# Park ..... and he flies away



## TDG (May 26, 2009)

*Old story but........ !*

Outside Bristol Zoo there is a parking lot for 150 cars and 8 buses. For 25 years,it's parking fees were managed by a very pleasant attendant. The fees were for cars £1.4), and for buses £7. 
Then, one day, after 25 solid years of never missing a day of work, he just didn't show up; so the Zoo Management called the City Council and asked it to send them another parking agent.

The Council did some research and replied that the parking lot was the Zoo's own responsibility.

The Zoo advised the Council that the attendant was a City employee.

The City Council responded that the lot attendant had never been on the City payroll.

Meanwhile, sitting in his villa somewhere on the coast of Spain or France or Italy ... is a man who'd apparently had a ticket machine installed completely on his own and then had simply begun to show up every day, commencing to collect and keep the parking fees, estimated at about £560 per day -- for 25 years.

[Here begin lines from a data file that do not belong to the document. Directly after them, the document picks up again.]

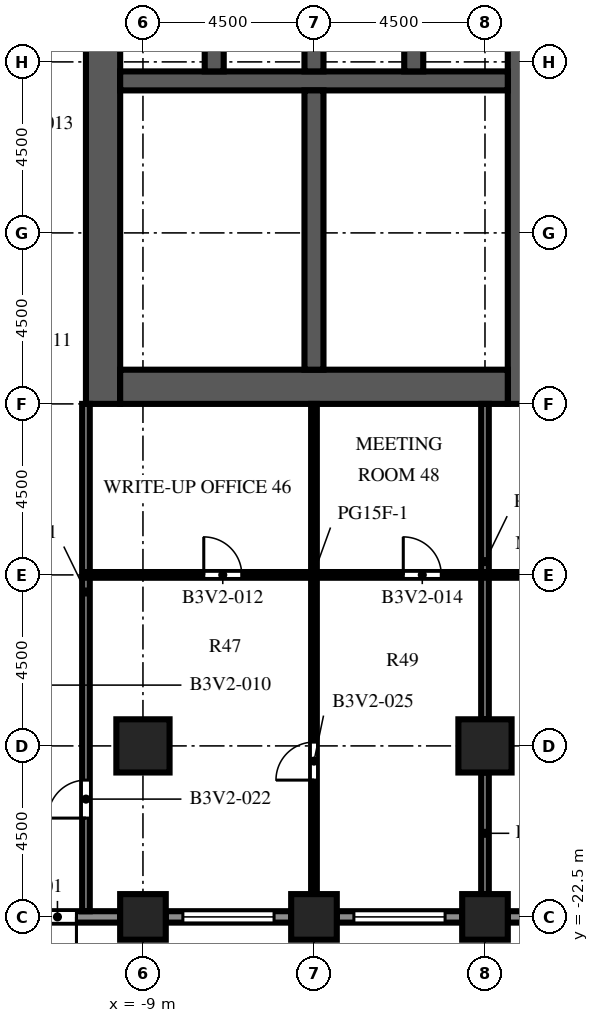
"""IFC4 building model, lengths in metres.
Left out: names, types, materials, properties, quantities, classifications, styles, units other than length and angle.
Written with IfcOpenShell. Run it as: python <this file> out.ifc"""

import sys

from ifc_helpers import new_model, si_unit, direction, frame, frame_2d, origin, origin_2d, place, context, subcontext, project, spatial, rectangle, extrude, element, fill, save


model = new_model("IFC4")
c1 = context("Model", 3, precision=1e-05, world=origin(), true_north=direction((0.0, 1.0)))
c2 = subcontext(c1, "Body", "Model", "MODEL_VIEW")
j1 = project(units=[si_unit("LENGTHUNIT", "METRE"), si_unit("PLANEANGLEUNIT", "RADIAN")], contexts=[c1])
p1 = place(None, origin())
s1 = spatial("IfcSite", under=j1, at=p1, CompositionType="ELEMENT")
p2 = place(p1, origin())
s2 = spatial("IfcBuilding", under=s1, at=p2, CompositionType="ELEMENT")
p3 = place(p2, frame((0.0, 0.0, 102.5)))
s3 = spatial("IfcBuildingStorey", under=s2, at=p3, CompositionType="ELEMENT", Elevation=102.5)
for number, where, z_axis, x_axis in (
    (1, (-9.0, -22.5, 0.0), (0.0, 0.0, 1.0), (1.0, 0.0, 0.0)),
    (2, (-4.5, -22.5, 0.0), (0.0, 0.0, 1.0), (1.0, 0.0, 0.0)),
    (3, (0.0, -22.5, 0.0), (0.0, 0.0, 1.0), (1.0, 0.0, 0.0)),
):
    element("IfcColumn", number, at=place(p3, frame(where, z_axis=z_axis, x_axis=x_axis)), inside=s3, PredefinedType="COLUMN", context=c2, shape_type="SweptSolid", body=[
        extrude(rectangle(XDim=1.2, YDim=1.2, at=origin_2d()), origin(), (0.0, 0.0, 1.0), 4.1),
    ])
for number, where, z_axis, x_axis in (
    (4, (-9.0, -18.0, 0.0), (0.0, 0.0, 1.0), (1.0, 0.0, 0.0)),
    (5, (0.0, -18.0, 0.0), (0.0, 0.0, 1.0), (1.0, 0.0, 0.0)),
):
    element("IfcColumn", number, at=place(p3, frame(where, z_axis=z_axis, x_axis=x_axis)), inside=s3, PredefinedType="COLUMN", context=c2, shape_type="SweptSolid", body=[
        extrude(rectangle(XDim=1.4, YDim=1.4, at=origin_2d()), origin(), (0.0, 0.0, 1.0), 4.1),
    ])
p4 = place(p3, frame((-10.05, -9.0, 0.0), z_axis=(0.0, 0.0, 1.0), x_axis=(0.0, 1.0, 0.0)))
e6 = element("IfcWall", 6, at=p4, inside=s3, PredefinedType="SHEAR", context=c2, shape_type="SweptSolid", body=[
    extrude(rectangle(XDim=27.5, YDim=0.9, at=frame_2d((13.75, 0.0))), origin(), (0.0, 0.0, 1.0), 4.1),
])
p5 = place(p4, frame((12.55, 0.0, 0.0)))
e7 = element("IfcOpeningElement", 7, at=p5, cuts=e6, PredefinedType="OPENING", context=c2, shape_type="SweptSolid", body=[
    extrude(rectangle(XDim=2.4, YDim=2.4, at=frame_2d((1.2, 1.2))), frame((0.0, 0.46, 0.0), z_axis=(0.0, -1.0, 0.0), x_axis=(1.0, 0.0, 0.0)), (0.0, 0.0, 1.0), 0.92),
])
p6 = place(p4, frame((6.825, 0.0, 0.0)))
e8 = element("IfcOpeningElement", 8, at=p6, cuts=e6, PredefinedType="OPENING", context=c2, shape_type="SweptSolid", body=[
    extrude(rectangle(XDim=1.2, YDim=2.1, at=frame_2d((0.6, 1.05))), frame((0.0, 0.46, 0.0), z_axis=(0.0, -1.0, 0.0), x_axis=(1.0, 0.0, 0.0)), (0.0, 0.0, 1.0), 0.92),
])
p7 = place(p4, frame((19.475, 0.0, 0.0)))
e9 = element("IfcOpeningElement", 9, at=p7, cuts=e6, PredefinedType="OPENING", context=c2, shape_type="SweptSolid", body=[
    extrude(rectangle(XDim=1.2, YDim=2.1, at=frame_2d((0.6, 1.05))), frame((0.0, 0.46, 0.0), z_axis=(0.0, -1.0, 0.0), x_axis=(1.0, 0.0, 0.0)), (0.0, 0.0, 1.0), 0.92),
])
p8 = place(p3, frame((1.05, -9.0, 0.0), z_axis=(0.0, 0.0, 1.0), x_axis=(0.0, 1.0, 0.0)))
e10 = element("IfcWall", 10, at=p8, inside=s3, PredefinedType="SHEAR", context=c2, shape_type="SweptSolid", body=[
    extrude(rectangle(XDim=27.5, YDim=0.9, at=frame_2d((13.75, 0.0))), origin(), (0.0, 0.0, 1.0), 4.1),
])
p9 = place(p8, frame((12.55, 0.0, 0.0)))
e11 = element("IfcOpeningElement", 11, at=p9, cuts=e10, PredefinedType="OPENING", context=c2, shape_type="SweptSolid", body=[
    extrude(rectangle(XDim=2.4, YDim=2.4, at=frame_2d((1.2, 1.2))), frame((0.0, 0.46, 0.0), z_axis=(0.0, -1.0, 0.0), x_axis=(1.0, 0.0, 0.0)), (0.0, 0.0, 1.0), 0.92),
])
p10 = place(p8, frame((3.893, 0.0, 0.0)))
e12 = element("IfcOpeningElement", 12, at=p10, cuts=e10, PredefinedType="OPENING", context=c2, shape_type="SweptSolid", body=[
    extrude(rectangle(XDim=0.923, YDim=2.1, at=frame_2d((0.461, 1.05))), frame((0.0, 0.46, 0.0), z_axis=(0.0, -1.0, 0.0), x_axis=(1.0, 0.0, 0.0)), (0.0, 0.0, 1.0), 0.92),
])
p11 = place(p8, frame((23.427, 0.0, 0.0)))
e13 = element("IfcOpeningElement", 13, at=p11, cuts=e10, PredefinedType="OPENING", context=c2, shape_type="SweptSolid", body=[
    extrude(rectangle(XDim=1.2, YDim=2.1, at=frame_2d((0.6, 1.05))), frame((0.0, 0.46, 0.0), z_axis=(0.0, -1.0, 0.0), x_axis=(1.0, 0.0, 0.0)), (0.0, 0.0, 1.0), 0.92),
])
p12 = place(p3, frame((-9.6, -8.55, 0.0), z_axis=(0.0, 0.0, 1.0), x_axis=(1.0, 0.0, 0.0)))
e14 = element("IfcWall", 14, at=p12, inside=s3, PredefinedType="SHEAR", context=c2, shape_type="SweptSolid", body=[
    extrude(rectangle(XDim=10.2, YDim=0.9, at=frame_2d((5.1, 0.0))), origin(), (0.0, 0.0, 1.0), 4.1),
])
p13 = place(p3, frame((-9.6, -0.5, 0.0), z_axis=(0.0, 0.0, 1.0), x_axis=(1.0, 0.0, 0.0)))
e15 = element("IfcWall", 15, at=p13, inside=s3, PredefinedType="SHEAR", context=c2, shape_type="SweptSolid", body=[
    extrude(rectangle(XDim=10.2, YDim=0.5, at=frame_2d((5.1, 0.0))), origin(), (0.0, 0.0, 1.0), 4.1),
])
for number, where, z_axis, x_axis in (
    (16, (-7.125, -0.25, 0.0), (0.0, 0.0, 1.0), (0.0, 1.0, 0.0)),
    (17, (-4.5, -0.25, 0.0), (0.0, 0.0, 1.0), (0.0, 1.0, 0.0)),
    (18, (-1.875, -0.25, 0.0), (0.0, 0.0, 1.0), (0.0, 1.0, 0.0)),
):
    element("IfcWall", number, at=place(p3, frame(where, z_axis=z_axis, x_axis=x_axis)), inside=s3, PredefinedType="SHEAR", context=c2, shape_type="SweptSolid", body=[
        extrude(rectangle(XDim=2.8, YDim=0.5, at=frame_2d((1.4, 0.0))), origin(), (0.0, 0.0, 1.0), 4.1),
    ])
p14 = place(p3, frame((-4.5, -8.1, 0.0), z_axis=(0.0, 0.0, 1.0), x_axis=(0.0, 1.0, 0.0)))
e19 = element("IfcWall", 19, at=p14, inside=s3, PredefinedType="SHEAR", context=c2, shape_type="SweptSolid", body=[
    extrude(rectangle(XDim=7.35, YDim=0.5, at=frame_2d((3.675, 0.0))), origin(), (0.0, 0.0, 1.0), 4.1),
])
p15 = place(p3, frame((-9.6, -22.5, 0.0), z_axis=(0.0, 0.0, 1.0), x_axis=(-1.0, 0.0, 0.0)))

Assuming 7 days a week, this amounts to just over 7 million pounds ... and no one even knows his name


----------



## Penquin (Oct 15, 2007)

:lol: :lol: :lol:

Amazing and knowing the way these things work it sounds horribly as if it might be true but sadly snopes says otherwise;

http://www.snopes.com/crime/clever/carpark.asp

but is is an amazingly plausible tale of larceny

sorry to be the harbinger of such news.

Dave


----------



## TDG (May 26, 2009)

Penquin said:


> :lol: :lol: :lol:
> 
> Amazing and knowing the way these things work it sounds horribly as if it might be true but sadly snopes says othwise .......Dave


Jokes & Trivia :wink: 
I never said it was true :roll:


----------



## loddy (Feb 12, 2007)

And of course Snopes is always right


----------